Zach Seward being clear that AI is not like you and me:
Aristotle, who had a few things to say about human nature, once declared, “The greatest thing by far is to have a command of metaphor,” but academics studying the personification of tech have long observed that metaphor can just as easily command us. Metaphors shape how we think about a new technology, how we feel about it, what we expect of it, and ultimately, how we use it.
I highlighted a lot of this article to save for leather musing, but it got me thinking about things immediately. I’d recommend reading the entire post if you are even remotely interested in AI as it’s pretty eye-opening, well written and diligently researched.
The decisions made by the creators of technology and particularly AI dictate a lot of the things we think about it. What’s more is most people will not even be aware of the effects of portraying your product as if it were a person. The fact is, we give AI much more slack than we would with other things because it is portrayed with a friendly, eager to help tone and that’s by design.
LLMS don’t just spurt back walls of text, they portray the answers in conversational styles, leading to increased levels of trust. Because you can’t be mad at something that apologises for being wrong so provocatively. Spurring in us a forgiving nature as if they were our friend.
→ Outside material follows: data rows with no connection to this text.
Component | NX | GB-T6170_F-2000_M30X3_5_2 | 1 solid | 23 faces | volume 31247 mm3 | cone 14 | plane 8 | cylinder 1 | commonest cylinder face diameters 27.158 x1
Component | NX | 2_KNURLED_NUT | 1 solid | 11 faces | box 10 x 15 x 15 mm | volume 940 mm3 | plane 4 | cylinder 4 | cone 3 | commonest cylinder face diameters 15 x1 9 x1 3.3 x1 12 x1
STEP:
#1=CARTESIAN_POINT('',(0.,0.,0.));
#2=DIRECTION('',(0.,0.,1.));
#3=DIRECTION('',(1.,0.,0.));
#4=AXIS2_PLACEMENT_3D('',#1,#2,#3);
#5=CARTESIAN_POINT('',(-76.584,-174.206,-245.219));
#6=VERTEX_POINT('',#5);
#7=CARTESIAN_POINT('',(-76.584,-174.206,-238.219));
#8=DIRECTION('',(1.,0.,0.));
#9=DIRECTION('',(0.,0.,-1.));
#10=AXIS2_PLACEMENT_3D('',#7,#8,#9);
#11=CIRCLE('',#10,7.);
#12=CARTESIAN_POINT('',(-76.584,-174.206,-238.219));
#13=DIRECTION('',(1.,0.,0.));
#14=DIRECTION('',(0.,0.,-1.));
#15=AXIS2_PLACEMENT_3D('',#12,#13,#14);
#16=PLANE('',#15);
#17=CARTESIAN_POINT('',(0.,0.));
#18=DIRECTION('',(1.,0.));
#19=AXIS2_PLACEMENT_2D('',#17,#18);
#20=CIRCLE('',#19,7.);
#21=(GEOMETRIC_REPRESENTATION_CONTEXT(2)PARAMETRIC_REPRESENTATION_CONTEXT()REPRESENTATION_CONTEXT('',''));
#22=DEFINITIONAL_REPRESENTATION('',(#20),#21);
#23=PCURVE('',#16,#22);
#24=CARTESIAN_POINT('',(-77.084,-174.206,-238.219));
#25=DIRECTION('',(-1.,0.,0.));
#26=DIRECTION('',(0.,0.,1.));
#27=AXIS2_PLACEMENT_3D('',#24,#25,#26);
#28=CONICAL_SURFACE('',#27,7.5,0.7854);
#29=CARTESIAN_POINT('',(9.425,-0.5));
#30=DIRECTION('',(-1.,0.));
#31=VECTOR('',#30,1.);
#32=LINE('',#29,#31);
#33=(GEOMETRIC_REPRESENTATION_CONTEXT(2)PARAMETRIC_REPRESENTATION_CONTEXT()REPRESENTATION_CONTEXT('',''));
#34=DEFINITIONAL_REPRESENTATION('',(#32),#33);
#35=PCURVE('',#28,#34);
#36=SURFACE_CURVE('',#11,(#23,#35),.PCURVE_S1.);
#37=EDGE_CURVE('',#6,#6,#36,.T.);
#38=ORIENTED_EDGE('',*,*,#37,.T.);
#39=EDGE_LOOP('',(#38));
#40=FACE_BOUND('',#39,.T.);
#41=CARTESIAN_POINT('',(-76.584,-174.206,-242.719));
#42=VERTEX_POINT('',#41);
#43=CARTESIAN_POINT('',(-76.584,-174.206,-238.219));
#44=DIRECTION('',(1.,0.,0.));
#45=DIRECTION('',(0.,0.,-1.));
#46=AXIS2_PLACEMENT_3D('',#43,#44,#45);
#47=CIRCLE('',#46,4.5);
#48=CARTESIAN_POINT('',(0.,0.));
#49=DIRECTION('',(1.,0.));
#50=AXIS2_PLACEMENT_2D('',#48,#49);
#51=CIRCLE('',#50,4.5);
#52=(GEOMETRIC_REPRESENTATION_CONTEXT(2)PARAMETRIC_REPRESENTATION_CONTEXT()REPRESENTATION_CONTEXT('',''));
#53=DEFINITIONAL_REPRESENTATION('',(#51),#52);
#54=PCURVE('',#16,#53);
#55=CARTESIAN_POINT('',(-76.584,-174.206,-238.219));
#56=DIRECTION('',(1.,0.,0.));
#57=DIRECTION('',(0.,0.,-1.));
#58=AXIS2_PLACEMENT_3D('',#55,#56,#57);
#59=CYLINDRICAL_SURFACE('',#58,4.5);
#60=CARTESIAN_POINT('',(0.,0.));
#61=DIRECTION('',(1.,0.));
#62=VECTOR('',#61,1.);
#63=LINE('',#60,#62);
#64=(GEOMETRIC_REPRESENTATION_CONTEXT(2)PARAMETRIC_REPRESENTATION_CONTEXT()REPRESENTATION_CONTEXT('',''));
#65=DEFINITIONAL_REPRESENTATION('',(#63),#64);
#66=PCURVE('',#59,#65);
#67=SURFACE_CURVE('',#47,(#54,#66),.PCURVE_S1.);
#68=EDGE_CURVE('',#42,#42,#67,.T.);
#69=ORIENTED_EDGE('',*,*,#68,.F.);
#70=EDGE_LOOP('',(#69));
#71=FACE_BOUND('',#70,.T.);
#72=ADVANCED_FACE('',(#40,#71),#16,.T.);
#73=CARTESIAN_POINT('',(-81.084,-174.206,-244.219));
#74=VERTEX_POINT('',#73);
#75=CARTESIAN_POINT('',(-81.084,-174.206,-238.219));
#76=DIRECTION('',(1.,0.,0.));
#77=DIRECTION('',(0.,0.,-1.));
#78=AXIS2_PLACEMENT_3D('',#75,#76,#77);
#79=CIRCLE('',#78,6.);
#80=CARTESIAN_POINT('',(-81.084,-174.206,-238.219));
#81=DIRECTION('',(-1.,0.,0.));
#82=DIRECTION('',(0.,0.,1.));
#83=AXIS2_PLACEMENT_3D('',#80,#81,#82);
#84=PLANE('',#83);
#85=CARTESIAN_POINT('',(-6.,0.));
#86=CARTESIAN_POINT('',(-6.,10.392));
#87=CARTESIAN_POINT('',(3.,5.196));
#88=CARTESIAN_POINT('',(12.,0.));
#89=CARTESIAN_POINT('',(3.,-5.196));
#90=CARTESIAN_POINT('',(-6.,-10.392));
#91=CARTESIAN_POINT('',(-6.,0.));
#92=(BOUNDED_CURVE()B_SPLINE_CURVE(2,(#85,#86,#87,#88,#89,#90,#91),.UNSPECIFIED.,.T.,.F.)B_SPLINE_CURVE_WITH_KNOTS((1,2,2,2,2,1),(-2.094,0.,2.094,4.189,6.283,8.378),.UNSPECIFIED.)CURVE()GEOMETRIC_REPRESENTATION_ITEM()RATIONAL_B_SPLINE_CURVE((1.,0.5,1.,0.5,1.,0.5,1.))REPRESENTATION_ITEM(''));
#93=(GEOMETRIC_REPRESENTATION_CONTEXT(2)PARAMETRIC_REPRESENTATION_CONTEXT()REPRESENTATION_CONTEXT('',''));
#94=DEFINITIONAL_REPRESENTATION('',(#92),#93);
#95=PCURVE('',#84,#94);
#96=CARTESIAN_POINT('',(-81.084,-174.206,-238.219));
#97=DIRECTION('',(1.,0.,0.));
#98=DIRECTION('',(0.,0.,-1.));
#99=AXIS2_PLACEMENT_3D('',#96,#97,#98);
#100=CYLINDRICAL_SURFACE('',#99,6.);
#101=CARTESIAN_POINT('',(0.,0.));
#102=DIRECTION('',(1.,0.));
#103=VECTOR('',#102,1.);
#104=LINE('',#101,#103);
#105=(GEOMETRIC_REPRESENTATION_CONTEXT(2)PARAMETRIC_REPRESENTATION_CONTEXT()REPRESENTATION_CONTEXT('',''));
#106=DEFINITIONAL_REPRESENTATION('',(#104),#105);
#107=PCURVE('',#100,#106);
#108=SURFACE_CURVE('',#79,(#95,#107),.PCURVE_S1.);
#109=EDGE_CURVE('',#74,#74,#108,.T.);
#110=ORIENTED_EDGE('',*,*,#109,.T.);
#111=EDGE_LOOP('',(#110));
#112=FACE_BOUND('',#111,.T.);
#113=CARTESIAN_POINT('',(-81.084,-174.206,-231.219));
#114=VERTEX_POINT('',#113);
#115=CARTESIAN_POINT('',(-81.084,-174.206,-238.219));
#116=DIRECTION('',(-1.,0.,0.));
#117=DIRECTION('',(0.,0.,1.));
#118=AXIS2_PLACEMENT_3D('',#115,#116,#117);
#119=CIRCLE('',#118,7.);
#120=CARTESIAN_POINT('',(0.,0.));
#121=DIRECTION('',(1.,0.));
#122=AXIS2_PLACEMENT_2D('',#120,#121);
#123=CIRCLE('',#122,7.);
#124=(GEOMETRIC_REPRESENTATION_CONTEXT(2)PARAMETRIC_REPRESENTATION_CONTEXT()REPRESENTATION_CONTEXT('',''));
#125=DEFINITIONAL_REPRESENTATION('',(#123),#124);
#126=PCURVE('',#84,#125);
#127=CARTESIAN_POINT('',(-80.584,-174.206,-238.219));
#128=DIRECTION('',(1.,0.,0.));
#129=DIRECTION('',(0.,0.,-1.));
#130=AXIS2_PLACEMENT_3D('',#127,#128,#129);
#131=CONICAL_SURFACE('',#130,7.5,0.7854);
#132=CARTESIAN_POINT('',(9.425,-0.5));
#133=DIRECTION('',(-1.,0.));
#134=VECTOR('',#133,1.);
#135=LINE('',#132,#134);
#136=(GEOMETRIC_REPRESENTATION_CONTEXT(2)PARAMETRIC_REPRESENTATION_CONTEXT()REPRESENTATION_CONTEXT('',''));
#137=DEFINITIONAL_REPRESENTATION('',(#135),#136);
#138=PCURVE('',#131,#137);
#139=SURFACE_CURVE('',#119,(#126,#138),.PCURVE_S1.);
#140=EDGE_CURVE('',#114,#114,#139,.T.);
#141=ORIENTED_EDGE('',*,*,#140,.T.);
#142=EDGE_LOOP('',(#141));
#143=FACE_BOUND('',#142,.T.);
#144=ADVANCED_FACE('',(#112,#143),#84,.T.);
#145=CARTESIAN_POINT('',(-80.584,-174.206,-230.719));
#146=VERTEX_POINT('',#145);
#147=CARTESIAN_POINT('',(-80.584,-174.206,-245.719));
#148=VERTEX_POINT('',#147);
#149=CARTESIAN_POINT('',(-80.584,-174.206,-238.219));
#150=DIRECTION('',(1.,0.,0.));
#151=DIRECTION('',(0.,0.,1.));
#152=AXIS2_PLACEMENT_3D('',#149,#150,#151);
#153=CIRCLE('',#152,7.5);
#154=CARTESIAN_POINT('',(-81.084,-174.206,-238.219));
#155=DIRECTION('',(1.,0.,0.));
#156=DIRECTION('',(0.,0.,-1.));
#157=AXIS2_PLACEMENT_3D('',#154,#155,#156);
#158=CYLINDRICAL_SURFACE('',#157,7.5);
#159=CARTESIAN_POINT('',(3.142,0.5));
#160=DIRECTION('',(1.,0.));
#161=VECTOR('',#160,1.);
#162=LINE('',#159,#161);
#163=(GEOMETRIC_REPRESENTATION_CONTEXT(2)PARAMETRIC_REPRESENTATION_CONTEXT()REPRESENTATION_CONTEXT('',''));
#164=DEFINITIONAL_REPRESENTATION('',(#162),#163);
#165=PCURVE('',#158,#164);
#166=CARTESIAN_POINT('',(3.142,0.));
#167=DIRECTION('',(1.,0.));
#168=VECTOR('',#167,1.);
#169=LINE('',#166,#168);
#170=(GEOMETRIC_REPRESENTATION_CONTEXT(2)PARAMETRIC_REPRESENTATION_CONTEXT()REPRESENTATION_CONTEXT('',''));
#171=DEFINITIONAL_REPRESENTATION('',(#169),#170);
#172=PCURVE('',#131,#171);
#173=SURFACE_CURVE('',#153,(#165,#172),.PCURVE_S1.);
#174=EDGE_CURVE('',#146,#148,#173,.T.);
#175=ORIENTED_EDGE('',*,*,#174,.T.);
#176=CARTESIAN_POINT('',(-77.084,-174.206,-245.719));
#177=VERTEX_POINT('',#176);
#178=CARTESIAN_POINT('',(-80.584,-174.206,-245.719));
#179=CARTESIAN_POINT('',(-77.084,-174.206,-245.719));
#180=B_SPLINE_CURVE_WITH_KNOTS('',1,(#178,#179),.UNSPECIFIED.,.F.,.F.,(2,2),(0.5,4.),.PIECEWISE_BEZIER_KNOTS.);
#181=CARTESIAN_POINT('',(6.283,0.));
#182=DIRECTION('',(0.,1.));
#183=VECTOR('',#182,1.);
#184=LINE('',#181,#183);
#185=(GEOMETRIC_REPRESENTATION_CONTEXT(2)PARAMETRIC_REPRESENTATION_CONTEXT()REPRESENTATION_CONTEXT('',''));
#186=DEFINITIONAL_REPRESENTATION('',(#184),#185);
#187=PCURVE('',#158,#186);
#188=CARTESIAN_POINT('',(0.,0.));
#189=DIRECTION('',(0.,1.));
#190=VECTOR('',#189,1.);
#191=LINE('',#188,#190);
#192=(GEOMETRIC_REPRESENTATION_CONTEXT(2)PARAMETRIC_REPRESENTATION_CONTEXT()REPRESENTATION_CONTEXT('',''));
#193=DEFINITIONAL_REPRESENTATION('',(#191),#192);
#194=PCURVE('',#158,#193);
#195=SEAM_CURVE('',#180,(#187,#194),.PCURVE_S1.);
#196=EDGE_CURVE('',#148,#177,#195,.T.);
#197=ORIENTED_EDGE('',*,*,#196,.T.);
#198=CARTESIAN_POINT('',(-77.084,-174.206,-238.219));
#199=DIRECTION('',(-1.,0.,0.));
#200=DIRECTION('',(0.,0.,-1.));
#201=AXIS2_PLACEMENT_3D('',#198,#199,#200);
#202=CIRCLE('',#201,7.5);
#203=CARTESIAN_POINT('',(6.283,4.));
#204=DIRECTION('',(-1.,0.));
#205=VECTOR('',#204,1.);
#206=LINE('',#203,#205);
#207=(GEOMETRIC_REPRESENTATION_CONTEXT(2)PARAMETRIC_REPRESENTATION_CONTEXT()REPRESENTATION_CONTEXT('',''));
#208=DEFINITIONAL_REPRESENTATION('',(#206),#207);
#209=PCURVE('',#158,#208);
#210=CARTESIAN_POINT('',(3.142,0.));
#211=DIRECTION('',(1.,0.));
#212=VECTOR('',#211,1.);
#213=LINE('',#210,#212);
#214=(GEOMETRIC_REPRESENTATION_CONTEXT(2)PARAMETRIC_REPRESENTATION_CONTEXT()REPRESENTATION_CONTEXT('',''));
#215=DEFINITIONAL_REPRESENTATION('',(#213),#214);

Artificial Intelligence doesn’t get things spectacularly wrong after all, they simply “hallucinate”.
As Zack puts it brilliantly, “AI isn’t doing shit. It is not thinking, let alone plotting. It has no aspirations. It isn’t even an it so much as a wide-ranging set of methods for pattern recognition”. Imagine if you looked up a topic in an encyclopaedia, only for it to be entirely wrong and reference things that don’t exist, you wouldn’t tolerate it. Yet Search GPT is already getting things wrong, and that’s OK because it is portrayed as being just like us. Well, it’s not.